Impacts of increasing volume of digital forensic data: A survey and future research challenges

doi:10.1016/j.diin.2014.09.002

Digital Investigation

Volume 11, Issue 4, December 2014, Pages 273-294

https://doi.org/10.1016/j.diin.2014.09.002 Get rights and content

Abstract

A major challenge to digital forensic analysis is the ongoing growth in the volume of data seized and presented for analysis. This is a result of the continuing development of storage technology, including increased storage capacity in consumer devices and cloud storage services, and an increase in the number of devices seized per case. Consequently, this has led to increasing backlogs of evidence awaiting analysis, often many months to years, affecting even the largest digital forensic laboratories. Over the preceding years, there has been a variety of research undertaken in relation to the volume challenge. Solutions posed range from data mining, data reduction, increased processing power, distributed processing, artificial intelligence, and other innovative methods. This paper surveys the published research and the proposed solutions. It is concluded that there remains a need for further research with a focus on real world applicability of a method or methods to address the digital forensic data volume challenge.

Introduction

The increase in the number and volume of digital devices seized and lodged with digital forensic laboratories for analysis has been an issue raised over many years. This growth has contributed to lengthy backlogs of work (Gogolin, 2010, Parsonage, 2009). A significant growth in the size of storage media combined with the popularity of digital devices and the decrease in the price of these devices and storage media has led to a major issue affecting the timely process of justice. There is a growing volume of data seized and presented for analysis, often now consisting of many terabytes of data for individual investigations. This has resulted from;

(a)
An increase in the number of devices seized per case.
(b)
The number of cases with digital evidence is increasing (anecdotal information indicates the last case observed without digital evidence was at least 3 years old).
(c)
The size of data on each individual item is increasing.

The increasing number of cases and devices seized is further compounded with the growing size of storage devices (Garfinkel, 2010). Existing forensic software solutions have evolved from the first generation of tools and are now beginning to address scalability issues. However, a gap remains in relation to analysis of large and disparate datasets. Every year the volume of data is increasing faster than the capability of processors and forensic tools can manage (Roussev et al., 2013).

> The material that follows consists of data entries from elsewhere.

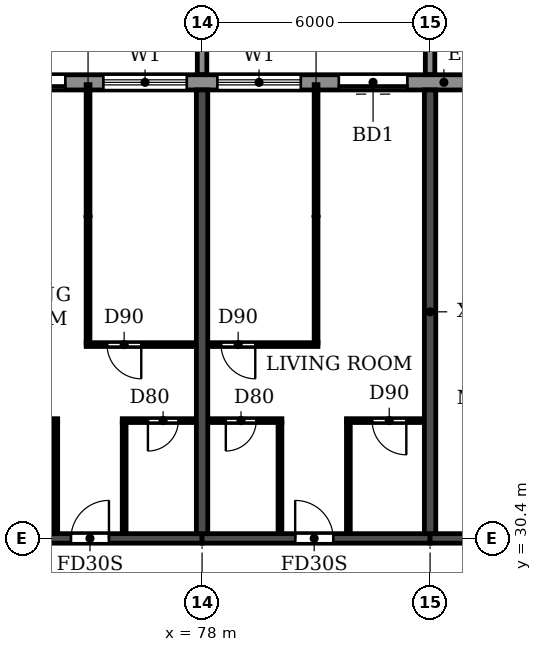
"""IFC4 building model, lengths in metres.
Left out: names, types, materials, properties, quantities, classifications, styles, units other than length and angle.
Written with IfcOpenShell. Run it as: python <this file> out.ifc"""

import sys

from ifc_helpers import new_model, si_unit, direction, frame, frame_2d, origin, place, context, subcontext, project, spatial, polyline, rectangle, outline, extrude, source, transform, mapped, element, fill, save


model = new_model("IFC4")
c1 = context("Model", 3, precision=1e-05, world=origin(), true_north=direction((0.0, 1.0)))
c2 = subcontext(c1, "Body", "Model", "MODEL_VIEW")
j1 = project(units=[si_unit("LENGTHUNIT", "METRE"), si_unit("PLANEANGLEUNIT", "RADIAN")], contexts=[c1])
p1 = place(None, origin())
s1 = spatial("IfcSite", under=j1, at=p1, CompositionType="ELEMENT")
p2 = place(p1, origin())
s2 = spatial("IfcBuilding", under=s1, at=p2, CompositionType="ELEMENT")
p3 = place(p2, frame((0.0, 0.0, 152.1)))
s3 = spatial("IfcBuildingStorey", under=s2, at=p3, CompositionType="ELEMENT", Elevation=152.1)
for number, where, z_axis, x_axis in (
    (1, (78.0, 30.525, 0.0), (0.0, 0.0, 1.0), (0.0, 1.0, 0.0)),
    (2, (84.0, 30.525, 0.0), (0.0, 0.0, 1.0), (0.0, 1.0, 0.0)),
):
    element("IfcWall", number, at=place(p3, frame(where, z_axis=z_axis, x_axis=x_axis)), inside=s3, PredefinedType="SHEAR", context=c2, shape_type="SweptSolid", body=[
        extrude(rectangle(XDim=11.675, YDim=0.3, at=frame_2d((5.837, 0.0))), origin(), (0.0, 0.0, 1.0), 3.07),
    ])
p4 = place(p3, frame((72.0, 30.4, 0.0), z_axis=(0.0, 0.0, 1.0), x_axis=(1.0, 0.0, 0.0)))
e3 = element("IfcWall", 3, at=p4, inside=s3, PredefinedType="SHEAR", context=c2, shape_type="SweptSolid", body=[
    extrude(rectangle(XDim=6.0, YDim=0.25, at=frame_2d((3.0, 0.0))), origin(), (0.0, 0.0, 1.0), 2.47),
])
p5 = place(p4, frame((2.55, 0.0, 0.0)))
e4 = element("IfcOpeningElement", 4, at=p5, cuts=e3, PredefinedType="OPENING", context=c2, shape_type="SweptSolid", body=[
    extrude(rectangle(XDim=1.0, YDim=2.1, at=frame_2d((0.5, 1.05))), frame((0.0, 0.135, 0.0), z_axis=(0.0, -1.0, 0.0), x_axis=(1.0, 0.0, 0.0)), (0.0, 0.0, 1.0), 0.27),
])
p6 = place(p3, frame((78.0, 30.4, 0.0), z_axis=(0.0, 0.0, 1.0), x_axis=(1.0, 0.0, 0.0)))
e5 = element("IfcWall", 5, at=p6, inside=s3, PredefinedType="SHEAR", context=c2, shape_type="SweptSolid", body=[
    extrude(rectangle(XDim=6.0, YDim=0.25, at=frame_2d((3.0, 0.0))), origin(), (0.0, 0.0, 1.0), 2.47),
])
p7 = place(p6, frame((2.45, 0.0, 0.0)))
e6 = element("IfcOpeningElement", 6, at=p7, cuts=e5, PredefinedType="OPENING", context=c2, shape_type="SweptSolid", body=[
    extrude(rectangle(XDim=1.0, YDim=2.1, at=frame_2d((0.5, 1.05))), frame((0.0, 0.135, 0.0), z_axis=(0.0, -1.0, 0.0), x_axis=(1.0, 0.0, 0.0)), (0.0, 0.0, 1.0), 0.27),
])
p8 = place(p3, frame((84.0, 30.4, 0.0), z_axis=(0.0, 0.0, 1.0), x_axis=(1.0, 0.0, 0.0)))
e7 = element("IfcWall", 7, at=p8, inside=s3, PredefinedType="SHEAR", context=c2, shape_type="SweptSolid", body=[
    extrude(rectangle(XDim=5.8, YDim=0.25, at=frame_2d((2.9, 0.0))), origin(), (0.0, 0.0, 1.0), 2.47),
])
p9 = place(p8, frame((2.5, 0.0, 0.0)))
e8 = element("IfcOpeningElement", 8, at=p9, cuts=e7, PredefinedType="OPENING", context=c2, shape_type="SweptSolid", body=[
    extrude(rectangle(XDim=1.0, YDim=2.1, at=frame_2d((0.5, 1.05))), frame((0.0, 0.135, 0.0), z_axis=(0.0, -1.0, 0.0), x_axis=(1.0, 0.0, 0.0)), (0.0, 0.0, 1.0), 0.27),
])
p10 = place(p3, frame((85.317, 42.4, 0.0), z_axis=(0.0, 0.0, 1.0), x_axis=(-1.0, 0.0, 0.0)))
e9 = element("IfcWall", 9, at=p10, inside=s3, PredefinedType="STANDARD", context=c2, shape_type="SweptSolid", body=[
    extrude(rectangle(XDim=68.634, YDim=0.4, at=frame_2d((34.317, 0.0))), origin(), (0.0, 0.0, 1.0), 3.07),
])
p11 = place(p10, frame((64.917, 0.0, 0.0)))
e10 = element("IfcOpeningElement", 10, at=p11, cuts=e9, PredefinedType="OPENING", context=c2, shape_type="SweptSolid", body=[
    extrude(rectangle(XDim=1.8, YDim=2.4, at=frame_2d((0.9, 1.2))), frame((0.0, 0.21, 0.0), z_axis=(0.0, -1.0, 0.0), x_axis=(1.0, 0.0, 0.0)), (0.0, 0.0, 1.0), 0.42),
])
p12 = place(p10, frame((61.717, 0.0, 0.9)))
e11 = element("IfcOpeningElement", 11, at=p12, cuts=e9, PredefinedType="OPENING", context=c2, shape_type="SweptSolid", body=[
    extrude(rectangle(XDim=2.2, YDim=1.5, at=frame_2d((1.1, 0.75))), frame((0.0, 0.21, 0.0), z_axis=(0.0, -1.0, 0.0), x_axis=(1.0, 0.0, 0.0)), (0.0, 0.0, 1.0), 0.42),
])
p13 = place(p10, frame((58.717, 0.0, 0.9)))
e12 = element("IfcOpeningElement", 12, at=p13, cuts=e9, PredefinedType="OPENING", context=c2, shape_type="SweptSolid", body=[
    extrude(rectangle(XDim=2.2, YDim=1.5, at=frame_2d((1.1, 0.75))), frame((0.0, 0.21, 0.0), z_axis=(0.0, -1.0, 0.0), x_axis=(1.0, 0.0, 0.0)), (0.0, 0.0, 1.0), 0.42),
])
p14 = place(p10, frame((55.917, 0.0, 0.0)))
e13 = element("IfcOpeningElement", 13, at=p14, cuts=e9, PredefinedType="OPENING", context=c2, shape_type="SweptSolid", body=[
    extrude(rectangle(XDim=1.8, YDim=2.4, at=frame_2d((0.9, 1.2))), frame((0.0, 0.21, 0.0), z_axis=(0.0, -1.0, 0.0), x_axis=(1.0, 0.0, 0.0)), (0.0, 0.0, 1.0), 0.42),
])
p15 = place(p10, frame((52.917, 0.0, 0.0)))
e14 = element("IfcOpeningElement", 14, at=p15, cuts=e9, PredefinedType="OPENING", context=c2, shape_type="SweptSolid", body=[
    extrude(rectangle(XDim=1.8, YDim=2.4, at=frame_2d((0.9, 1.2))), frame((0.0, 0.21, 0.0), z_axis=(0.0, -1.0, 0.0), x_axis=(1.0, 0.0, 0.0)), (0.0, 0.0, 1.0), 0.42),
])
p16 = place(p10, frame((49.717, 0.0, 0.9)))
e15 = element("IfcOpeningElement", 15, at=p16, cuts=e9, PredefinedType="OPENING", context=c2, shape_type="SweptSolid", body=[
    extrude(rectangle(XDim=2.2, YDim=1.5, at=frame_2d((1.1, 0.75))), frame((0.0, 0.21, 0.0), z_axis=(0.0, -1.0, 0.0), x_axis=(1.0, 0.0, 0.0)), (0.0, 0.0, 1.0), 0.42),
])
p17 = place(p10, frame((46.717, 0.0, 0.9)))
e16 = element("IfcOpeningElement", 16, at=p17, cuts=e9, PredefinedType="OPENING", context=c2, shape_type="SweptSolid", body=[
    extrude(rectangle(XDim=2.2, YDim=1.5, at=frame_2d((1.1, 0.75))), frame((0.0, 0.21, 0.0), z_axis=(0.0, -1.0, 0.0), x_axis=(1.0, 0.0, 0.0)), (0.0, 0.0, 1.0), 0.42),
])
p18 = place(p10, frame((43.717, 0.0, 0.9)))
e17 = element("IfcOpeningElement", 17, at=p18, cuts=e9, PredefinedType="OPENING", context=c2, shape_type="SweptSolid", body=[
    extrude(rectangle(XDim=2.2, YDim=1.5, at=frame_2d((1.1, 0.75))), frame((0.0, 0.21, 0.0), z_axis=(0.0, -1.0, 0.0), x_axis=(1.0, 0.0, 0.0)), (0.0, 0.0, 1.0), 0.42),
])
p19 = place(p10, frame((40.917, 0.0, 0.0)))
e18 = element("IfcOpeningElement", 18, at=p19, cuts=e9, PredefinedType="OPENING", context=c2, shape_type="SweptSolid", body=[
    extrude(rectangle(XDim=1.8, YDim=2.4, at=frame_2d((0.9, 1.2))), frame((0.0, 0.21, 0.0), z_axis=(0.0, -1.0, 0.0), x_axis=(1.0, 0.0, 0.0)), (0.0, 0.0, 1.0), 0.42),
])
p20 = place(p10, frame((37.717, 0.0, 0.9)))
e19 = element("IfcOpeningElement", 19, at=p20, cuts=e9, PredefinedType="OPENING", context=c2, shape_type="SweptSolid", body=[
    extrude(rectangle(XDim=2.2, YDim=1.5, at=frame_2d((1.1, 0.75))), frame((0.0, 0.21, 0.0), z_axis=(0.0, -1.0, 0.0), x_axis=(1.0, 0.0, 0.0)), (0.0, 0.0, 1.0), 0.42),
])
p21 = place(p10, frame((34.917, 0.0, 0.0)))
e20 = element("IfcOpeningElement", 20, at=p21, cuts=e9, PredefinedType="OPENING", context=c2, shape_type="SweptSolid", body=[
    extrude(rectangle(XDim=1.8, YDim=2.4, at=frame_2d((0.9, 1.2))), frame((0.0, 0.21, 0.0), z_axis=(0.0, -1.0, 0.0), x_axis=(1.0, 0.0, 0.0)), (0.0, 0.0, 1.0), 0.42),
])
p22 = place(p10, frame((31.717, 0.0, 0.9)))
e21 = element("IfcOpeningElement", 21, at=p22, cuts=e9, PredefinedType="OPENING", context=c2, shape_type="SweptSolid", body=[
    extrude(rectangle(XDim=2.2, YDim=1.5, at=frame_2d((1.1, 0.75))), frame((0.0, 0.21, 0.0), z_axis=(0.0, -1.0, 0.0), x_axis=(1.0, 0.0, 0.0)), (0.0, 0.0, 1.0), 0.42),
])
p23 = place(p10, frame((28.717, 0.0, 0.9)))
e22 = element("IfcOpeningElement", 22, at=p23, cuts=e9, PredefinedType="OPENING", context=c2, shape_type="SweptSolid", body=[
    extrude(rectangle(XDim=2.2, YDim=1.5, at=frame_2d((1.1, 0.75))), frame((0.0, 0.21, 0.0), z_axis=(0.0, -1.0, 0.0), x_axis=(1.0, 0.0, 0.0)), (0.0, 0.0, 1.0), 0.42),
])
p24 = place(p10, frame((25.717, 0.0, 0.9)))
e23 = element("IfcOpeningElement", 23, at=p24, cuts=e9, PredefinedType="OPENING", context=c2, shape_type="SweptSolid", body=[
    extrude(rectangle(XDim=2.2, YDim=1.5, at=frame_2d((1.1, 0.75))), frame((0.0, 0.21, 0.0), z_axis=(0.0, -1.0, 0.0), x_axis=(1.0, 0.0, 0.0)), (0.0, 0.0, 1.0), 0.42),
])
p25 = place(p10, frame((22.717, 0.0, 0.9)))
e24 = element("IfcOpeningElement", 24, at=p25, cuts=e9, PredefinedType="OPENING", context=c2, shape_type="SweptSolid", body=[
    extrude(rectangle(XDim=2.2, YDim=1.5, at=frame_2d((1.1, 0.75))), frame((0.0, 0.21, 0.0), z_axis=(0.0, -1.0, 0.0), x_axis=(1.0, 0.0, 0.0)), (0.0, 0.0, 1.0), 0.42),
])
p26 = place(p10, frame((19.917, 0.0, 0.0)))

Processing times are increasing with the increase in the amount of data required to be analysed. In the last decade, there have been many calls for research to focus on the timely analysis of large datasets (Garfinkel, 2010, Richard and Roussev, 2006a, Wiles et al., 2007) including the application of data mining techniques to digital forensic data in an endeavour to address the issue of the growing volume of information (Beebe and Clark, 2005, Palmer, 2001).

Serious implications relating to increasing backlogs include; reduced sentences for convicted defendants due to the length of time waiting for results of digital forensic analysis, suspects committing suicide whilst waiting for analysis, and suspects denied access to family and children whilst waiting for analysis (Shaw and Browne, 2013). In addition, employment can be affected for suspects under investigation for lengthy periods of time, and ongoing difficulties can be experienced by suspects and innocent persons when computers and other devices are seized, for example; the child of a suspect may have school assignments saved on a seized computer, or the partner of a suspect may have all their taxation or business information saved on a laptop.

In this paper we study literature examining the digital forensic data volume issue, including the volume of data, the growth of media, and research challenges. We review publications focussing on data mining, data reduction, triage, intelligence analysis, and other proposed methodologies. We then summarise the findings, and future directions for research are outlined in the conclusion.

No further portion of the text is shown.